I made a small pressure tank to put oil in, charged it with air and plumbed
it into where the line goes to your oil pressure gauge. The tank I used is
a piece of 2" PVC pipe (I would prefer to use copper - next time.) I
drilled a hole in a cap, inserted a rubber valve stem to allow it to be
pressurized and glued that cap on the pipe. The other end was a reducer
that went down to a pipe thread. Into this I screwed the appropriate
adapters, a valve, a tee with a pressure gauge and finally the appropriate
adapters to get to the oil line. In this case, the oil line is the double
bubble fitting used on brake lines. I got a short piece of line with
connectors on both ends, cut it in half and used a <" copper tube fitting to
adapt to pipe threads. Works great.
With all this assembled, fill the tank half full of oil, screw in the pipe
fittings, pressurize to about 40 - 50 pounds (careful here) and connect to
the flex line that goes normally to the firewall. Now you turn on the
valve, which pressurizes the engine without ever causing wear on anything.
Remember to shoot some oil into each cylinder to lube the rings real good.

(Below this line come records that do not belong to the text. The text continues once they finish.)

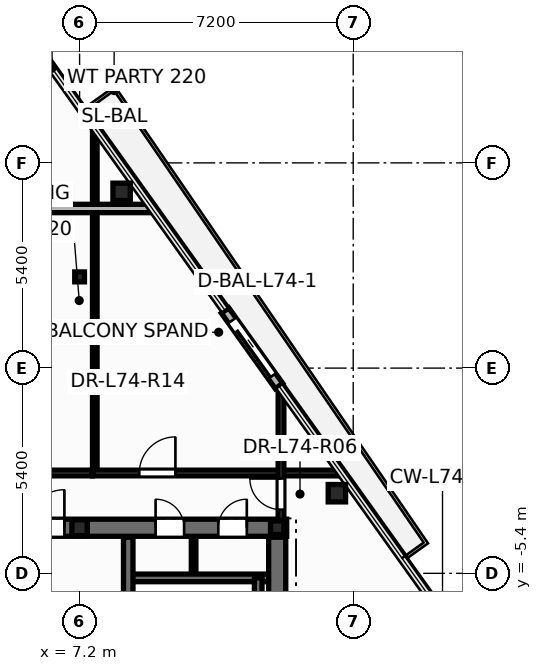
"""IFC4 building model, lengths in metres.
Left out: names, types, materials, properties, quantities, classifications, styles, units other than length and angle.
Written with IfcOpenShell. Run it as: python <this file> out.ifc"""

import sys

from ifc_helpers import new_model, si_unit, direction, frame, frame_2d, origin, origin_2d, place, context, subcontext, project, spatial, rectangle, hollow_circle, i_section, extrude, element, fill, save


model = new_model("IFC4")
c1 = context("Model", 3, precision=1e-05, world=origin(), true_north=direction((0.0, 1.0)))
c2 = subcontext(c1, "Body", "Model", "MODEL_VIEW")
j1 = project(units=[si_unit("LENGTHUNIT", "METRE"), si_unit("PLANEANGLEUNIT", "RADIAN")], contexts=[c1])
p1 = place(None, origin())
s1 = spatial("IfcSite", under=j1, at=p1, CompositionType="ELEMENT")
p2 = place(p1, origin())
s2 = spatial("IfcBuilding", under=s1, at=p2, CompositionType="ELEMENT")
p3 = place(p2, frame((0.0, 0.0, 281.4)))
s3 = spatial("IfcBuildingStorey", under=s2, at=p3, CompositionType="ELEMENT", Elevation=281.4)
for number, where, z_axis, x_axis in (
    (1, (13.97, -3.292, 0.0), (0.0, 0.0, 1.0), (1.0, 0.0, 0.0)),
    (2, (8.306, 4.638, 0.0), (0.0, 0.0, 1.0), (1.0, 0.0, 0.0)),
):
    element("IfcColumn", number, at=place(p3, frame(where, z_axis=z_axis, x_axis=x_axis)), inside=s3, PredefinedType="COLUMN", context=c2, shape_type="SweptSolid", body=[
        extrude(hollow_circle(Radius=0.229, WallThickness=0.016, at=origin_2d()), origin(), (0.0, 0.0, 1.0), 3.6),
    ])
p4 = place(p3, frame((12.4, -4.2, 0.0), z_axis=(0.0, 0.0, 1.0), x_axis=(1.0, 0.0, 0.0)))
e3 = element("IfcColumn", 3, at=p4, inside=s3, PredefinedType="COLUMN", context=c2, shape_type="SweptSolid", body=[
    extrude(i_section(OverallWidth=0.352, OverallDepth=0.359, WebThickness=0.018, FlangeThickness=0.026, at=origin_2d()), origin(), (0.0, 0.0, 1.0), 3.6),
])
p5 = place(p3, frame((7.2, -4.2, 0.0), z_axis=(0.0, 0.0, 1.0), x_axis=(1.0, 0.0, 0.0)))
e4 = element("IfcColumn", 4, at=p5, inside=s3, PredefinedType="PILASTER", context=c2, shape_type="SweptSolid", body=[
    extrude(i_section(OverallWidth=0.405, OverallDepth=0.414, WebThickness=0.022, FlangeThickness=0.032, at=origin_2d()), origin(), (0.0, 0.0, 1.0), 3.6),
])
p6 = place(p3, frame((7.2, 2.4, 0.0), z_axis=(0.0, 0.0, 1.0), x_axis=(1.0, 0.0, 0.0)))
e5 = element("IfcColumn", 5, at=p6, inside=s3, PredefinedType="COLUMN", context=c2, shape_type="SweptSolid", body=[
    extrude(i_section(OverallWidth=0.256, OverallDepth=0.26, WebThickness=0.01, FlangeThickness=0.017, at=origin_2d()), origin(), (0.0, 0.0, 1.0), 3.6),
])
p7 = place(p3, frame((12.447, -0.471, -0.015), z_axis=(0.0, 0.0, 1.0), x_axis=(-0.581219264245, 0.813746991927, 0.0)))
e6 = element("IfcWall", 6, at=p7, inside=s3, PredefinedType="STANDARD", context=c2, shape_type="SweptSolid", body=[
    extrude(rectangle(XDim=2.44, YDim=0.24, at=frame_2d((1.22, 0.0))), origin(), (0.0, 0.0, 1.0), 2.853),
])
p8 = place(p7, frame((0.32, 0.0, 0.015)))
e7 = element("IfcOpeningElement", 7, at=p8, cuts=e6, PredefinedType="OPENING", context=c2, shape_type="SweptSolid", body=[
    extrude(rectangle(XDim=1.806, YDim=2.204, at=frame_2d((0.9, 1.102))), frame((0.0, 0.13, 0.0), z_axis=(0.0, -1.0, 0.0), x_axis=(1.0, 0.0, 0.0)), (0.0, 0.0, 1.0), 0.26),
])
p9 = place(p3, frame((10.2, -5.52, 0.0), z_axis=(0.0, 0.0, 1.0), x_axis=(0.0, 1.0, 0.0)))
e8 = element("IfcWall", 8, at=p9, inside=s3, PredefinedType="PARTITIONING", context=c2, shape_type="SweptSolid", body=[
    extrude(rectangle(XDim=1.12, YDim=0.12, at=frame_2d((0.56, 0.0))), origin(), (0.0, 0.0, 1.0), 3.32),
])
p10 = place(p3, frame((-12.65, -4.2, 0.0), z_axis=(0.0, 0.0, 1.0), x_axis=(1.0, 0.0, 0.0)))
e9 = element("IfcWall", 9, at=p10, inside=s3, PredefinedType="SHEAR", context=c2, shape_type="SweptSolid", body=[
    extrude(rectangle(XDim=25.3, YDim=0.45, at=frame_2d((12.65, 0.0))), origin(), (0.0, 0.0, 1.0), 3.6),
])
p11 = place(p10, frame((0.95, 0.0, 0.0)))
e10 = element("IfcOpeningElement", 10, at=p11, cuts=e9, PredefinedType="OPENING", context=c2, shape_type="SweptSolid", body=[
    extrude(rectangle(XDim=0.756, YDim=2.054, at=frame_2d((0.375, 1.027))), frame((0.0, 0.235, 0.0), z_axis=(0.0, -1.0, 0.0), x_axis=(1.0, 0.0, 0.0)), (0.0, 0.0, 1.0), 0.47),
])
p12 = place(p10, frame((2.6, 0.0, 0.0)))
e11 = element("IfcOpeningElement", 11, at=p12, cuts=e9, PredefinedType="OPENING", context=c2, shape_type="SweptSolid", body=[
    extrude(rectangle(XDim=0.756, YDim=2.054, at=frame_2d((0.375, 1.027))), frame((0.0, 0.235, 0.0), z_axis=(0.0, -1.0, 0.0), x_axis=(1.0, 0.0, 0.0)), (0.0, 0.0, 1.0), 0.47),
])
p13 = place(p10, frame((21.85, 0.0, 0.0)))
e12 = element("IfcOpeningElement", 12, at=p13, cuts=e9, PredefinedType="OPENING", context=c2, shape_type="SweptSolid", body=[
    extrude(rectangle(XDim=0.756, YDim=2.054, at=frame_2d((0.375, 1.027))), frame((0.0, 0.235, 0.0), z_axis=(0.0, -1.0, 0.0), x_axis=(1.0, 0.0, 0.0)), (0.0, 0.0, 1.0), 0.47),
])
p14 = place(p10, frame((23.5, 0.0, 0.0)))
e13 = element("IfcOpeningElement", 13, at=p14, cuts=e9, PredefinedType="OPENING", context=c2, shape_type="SweptSolid", body=[
    extrude(rectangle(XDim=0.756, YDim=2.054, at=frame_2d((0.375, 1.027))), frame((0.0, 0.235, 0.0), z_axis=(0.0, -1.0, 0.0), x_axis=(1.0, 0.0, 0.0)), (0.0, 0.0, 1.0), 0.47),
])
p15 = place(p10, frame((5.85, 0.0, 0.0)))
e14 = element("IfcOpeningElement", 14, at=p15, cuts=e9, PredefinedType="OPENING", context=c2, shape_type="SweptSolid", body=[
    extrude(rectangle(XDim=1.006, YDim=2.104, at=frame_2d((0.5, 1.052))), frame((0.0, 0.235, 0.0), z_axis=(0.0, -1.0, 0.0), x_axis=(1.0, 0.0, 0.0)), (0.0, 0.0, 1.0), 0.47),
])
p16 = place(p10, frame((10.35, 0.0, 0.0)))
e15 = element("IfcOpeningElement", 15, at=p16, cuts=e9, PredefinedType="OPENING", context=c2, shape_type="SweptSolid", body=[
    extrude(rectangle(XDim=1.406, YDim=2.154, at=frame_2d((0.7, 1.077))), frame((0.0, 0.235, 0.0), z_axis=(0.0, -1.0, 0.0), x_axis=(1.0, 0.0, 0.0)), (0.0, 0.0, 1.0), 0.47),
])
p17 = place(p10, frame((18.45, 0.0, 0.0)))
e16 = element("IfcOpeningElement", 16, at=p17, cuts=e9, PredefinedType="OPENING", context=c2, shape_type="SweptSolid", body=[
    extrude(rectangle(XDim=1.006, YDim=2.104, at=frame_2d((0.5, 1.052))), frame((0.0, 0.235, 0.0), z_axis=(0.0, -1.0, 0.0), x_axis=(1.0, 0.0, 0.0)), (0.0, 0.0, 1.0), 0.47),
])
p18 = place(p3, frame((8.48, -5.52, 0.0), z_axis=(0.0, 0.0, 1.0), x_axis=(1.0, 0.0, 0.0)))
e17 = element("IfcWall", 17, at=p18, inside=s3, PredefinedType="SOLIDWALL", context=c2, shape_type="SweptSolid", body=[
    extrude(rectangle(XDim=3.87, YDim=0.2, at=frame_2d((1.935, 0.0))), origin(), (0.0, 0.0, 1.0), 3.6),
])
p19 = place(p3, frame((11.9, -13.1, 0.0), z_axis=(0.0, 0.0, 1.0), x_axis=(0.0, 1.0, 0.0)))
e18 = element("IfcWall", 18, at=p19, inside=s3, PredefinedType="SOLIDWALL", context=c2, shape_type="SweptSolid", body=[
    extrude(rectangle(XDim=7.58, YDim=0.2, at=frame_2d((3.79, 0.0))), origin(), (0.0, 0.0, 1.0), 3.6),
])
p20 = place(p3, frame((8.48, -13.85, 0.0), z_axis=(0.0, 0.0, 1.0), x_axis=(0.0, 1.0, 0.0)))
e19 = element("IfcWall", 19, at=p20, inside=s3, PredefinedType="SHEAR", context=c2, shape_type="SweptSolid", body=[
    extrude(rectangle(XDim=9.4, YDim=0.25, at=frame_2d((4.7, 0.0))), origin(), (0.0, 0.0, 1.0), 3.6),
])
p21 = place(p20, frame((6.95, 0.0, 0.0)))
e20 = element("IfcOpeningElement", 20, at=p21, cuts=e19, PredefinedType="OPENING", context=c2, shape_type="SweptSolid", body=[
    extrude(rectangle(XDim=1.006, YDim=2.104, at=frame_2d((0.5, 1.052))), frame((0.0, 0.135, 0.0), z_axis=(0.0, -1.0, 0.0), x_axis=(1.0, 0.0, 0.0)), (0.0, 0.0, 1.0), 0.27),
])
p22 = place(p3, frame((12.4, -13.85, 0.0), z_axis=(0.0, 0.0, 1.0), x_axis=(0.0, 1.0, 0.0)))
e21 = element("IfcWall", 21, at=p22, inside=s3, PredefinedType="SHEAR", context=c2, shape_type="SweptSolid", body=[
    extrude(rectangle(XDim=9.4, YDim=0.45, at=frame_2d((4.7, 0.0))), origin(), (0.0, 0.0, 1.0), 3.6),
])
p23 = place(p3, frame((7.6, -2.76, 0.0), z_axis=(0.0, 0.0, 1.0), x_axis=(0.0, 1.0, 0.0)))
e22 = element("IfcWall", 22, at=p23, inside=s3, PredefinedType="PARTITIONING", context=c2, shape_type="SweptSolid", body=[
    extrude(rectangle(XDim=9.075, YDim=0.12, at=frame_2d((4.538, 0.0))), origin(), (0.0, 0.0, 1.0), 2.693),
])
p24 = place(p3, frame((2.36, 4.2, 0.0), z_axis=(0.0, 0.0, 1.0), x_axis=(1.0, 0.0, 0.0)))
e23 = element("IfcWall", 23, at=p24, inside=s3, PredefinedType="PARTITIONING", context=c2, shape_type="SweptSolid", body=[
    extrude(rectangle(XDim=6.75, YDim=0.22, at=frame_2d((3.375, 0.0))), origin(), (0.0, 0.0, 1.0), 2.693),
])
p25 = place(p3, frame((7.54, -2.76, 0.0), z_axis=(0.0, 0.0, 1.0), x_axis=(1.0, 0.0, 0.0)))
e24 = element("IfcWall", 24, at=p25, inside=s3, PredefinedType="PARTITIONING", context=c2, shape_type="SweptSolid", body=[
    extrude(rectangle(XDim=6.542, YDim=0.15, at=frame_2d((3.271, 0.0))), origin(), (0.0, 0.0, 1.0), 2.693),
])
p26 = place(p25, frame((1.231, 0.0, 0.0)))
e25 = element("IfcOpeningElement", 25, at=p26, cuts=e24, PredefinedType="OPENING", context=c2, shape_type="SweptSolid", body=[
    extrude(rectangle(XDim=0.956, YDim=2.104, at=frame_2d((0.475, 1.052))), frame((0.0, 0.085, 0.0), z_axis=(0.0, -1.0, 0.0), x_axis=(1.0, 0.0, 0.0)), (0.0, 0.0, 1.0), 0.17),
])
p27 = place(p3, frame((2.36, -2.76, 0.0), z_axis=(0.0, 0.0, 1.0), x_axis=(1.0, 0.0, 0.0)))
e26 = element("IfcWall", 26, at=p27, inside=s3, PredefinedType="PARTITIONING", context=c2, shape_type="SweptSolid", body=[
    extrude(rectangle(XDim=5.178, YDim=0.15, at=frame_2d((2.589, 0.0))), origin(), (0.0, 0.0, 1.0), 2.295),
])
p28 = place(p3, frame((12.5, -4.24, 0.0), z_axis=(0.0, 0.0, 1.0), x_axis=(0.0, 1.0, 0.0)))
e27 = element("IfcWall", 27, at=p28, inside=s3, PredefinedType="PARTITIONING", context=c2, shape_type="SweptSolid", body=[
    extrude(rectangle(XDim=3.695, YDim=0.15, at=frame_2d((1.848, 0.0))), origin(), (0.0, 0.0, 1.0), 2.295),
])
p29 = place(p28, frame((0.516, 0.0, 0.0)))
e28 = element("IfcOpeningElement", 28, at=p29, cuts=e27, PredefinedType="OPENING", context=c2, shape_type="SweptSolid", body=[
    extrude(rectangle(XDim=0.826, YDim=2.104, at=frame_2d((0.41, 1.052))), frame((0.0, 0.085, 0.0), z_axis=(0.0, -1.0, 0.0), x_axis=(1.0, 0.0, 0.0)), (0.0, 0.0, 1.0), 0.17),
])
p30 = place(p8, origin())
e29 = element("IfcDoor", 29, at=p30, inside=s3, OperationType="SLIDING_TO_LEFT", PredefinedType="DOOR", context=c2, shape_type="SweptSolid", body=[
    extrude(rectangle(XDim=1.8, YDim=2.2, at=frame_2d((0.9, 1.1))), frame((0.0, 0.025, 0.0), z_axis=(0.0, -1.0, 0.0), x_axis=(1.0, 0.0, 0.0)), (0.0, 0.0, 1.0), 0.05),
])
fill(e7, e29)
p31 = place(p13, origin())
e30 = element("IfcDoor", 30, at=p31, inside=s3, OperationType="SINGLE_SWING_LEFT", PredefinedType="DOOR", context=c2, shape_type="SweptSolid", body=[
    extrude(rectangle(XDim=0.75, YDim=2.05, at=frame_2d((0.375, 1.025))), frame((0.0, 0.025, 0.0), z_axis=(0.0, -1.0, 0.0), x_axis=(1.0, 0.0, 0.0)), (0.0, 0.0, 1.0), 0.05),
])
fill(e12, e30)
p32 = place(p14, origin())
e31 = element("IfcDoor", 31, at=p32, inside=s3, OperationType="SINGLE_SWING_RIGHT", PredefinedType="DOOR", context=c2, shape_type="SweptSolid", body=[
    extrude(rectangle(XDim=0.75, YDim=2.05, at=frame_2d((0.375, 1.025))), frame((0.0, 0.025, 0.0), z_axis=(0.0, -1.0, 0.0), x_axis=(1.0, 0.0, 0.0)), (0.0, 0.0, 1.0), 0.05),
])
fill(e13, e31)
p33 = place(p17, origin())
e32 = element("IfcDoor", 32, at=p33, inside=s3, OperationType="SINGLE_SWING_RIGHT", PredefinedType="DOOR", context=c2, shape_type="SweptSolid", body=[
    extrude(rectangle(XDim=1.0, YDim=2.1, at=frame_2d((0.5, 1.05))), frame((0.0, 0.025, 0.0), z_axis=(0.0, -1.0, 0.0), x_axis=(1.0, 0.0, 0.0)), (0.0, 0.0, 1.0), 0.05),
])
fill(e16, e32)
p34 = place(p29, origin())
e33 = element("IfcDoor", 33, at=p34, inside=s3, OperationType="SINGLE_SWING_RIGHT", PredefinedType="DOOR", context=c2, shape_type="SweptSolid", body=[
    extrude(rectangle(XDim=0.82, YDim=2.1, at=frame_2d((0.41, 1.05))), frame((0.0, 0.025, 0.0), z_axis=(0.0, -1.0, 0.0), x_axis=(1.0, 0.0, 0.0)), (0.0, 0.0, 1.0), 0.05),
])
fill(e28, e33)
p35 = place(p26, origin())
e34 = element("IfcDoor", 34, at=p35, inside=s3, OperationType="SINGLE_SWING_RIGHT", PredefinedType="DOOR", context=c2, shape_type="SweptSolid", body=[
    extrude(rectangle(XDim=0.95, YDim=2.1, at=frame_2d((0.475, 1.05))), frame((0.0, 0.025, 0.0), z_axis=(0.0, -1.0, 0.0), x_axis=(1.0, 0.0, 0.0)), (0.0, 0.0, 1.0), 0.05),
])
fill(e25, e34)
save(model, sys.argv[1])

Leave the plugs out so you don't over compress a cylinder when you first
turn it over (the oil won't compress if the plugs are in!) If you have
changed the oil, removed the valve cover and poured oil over the rockers,
valve stems and down the push rods to the followers and cam, you have done
about as much as you can to help it out.
I then installed the battery, turned on the oil pressure, and then cranked
the engine over. I could watch the oil pressure as I injected the oil, and
then could see the pressure rise as the oil pump started working.
Backfilling like this also primes the pump!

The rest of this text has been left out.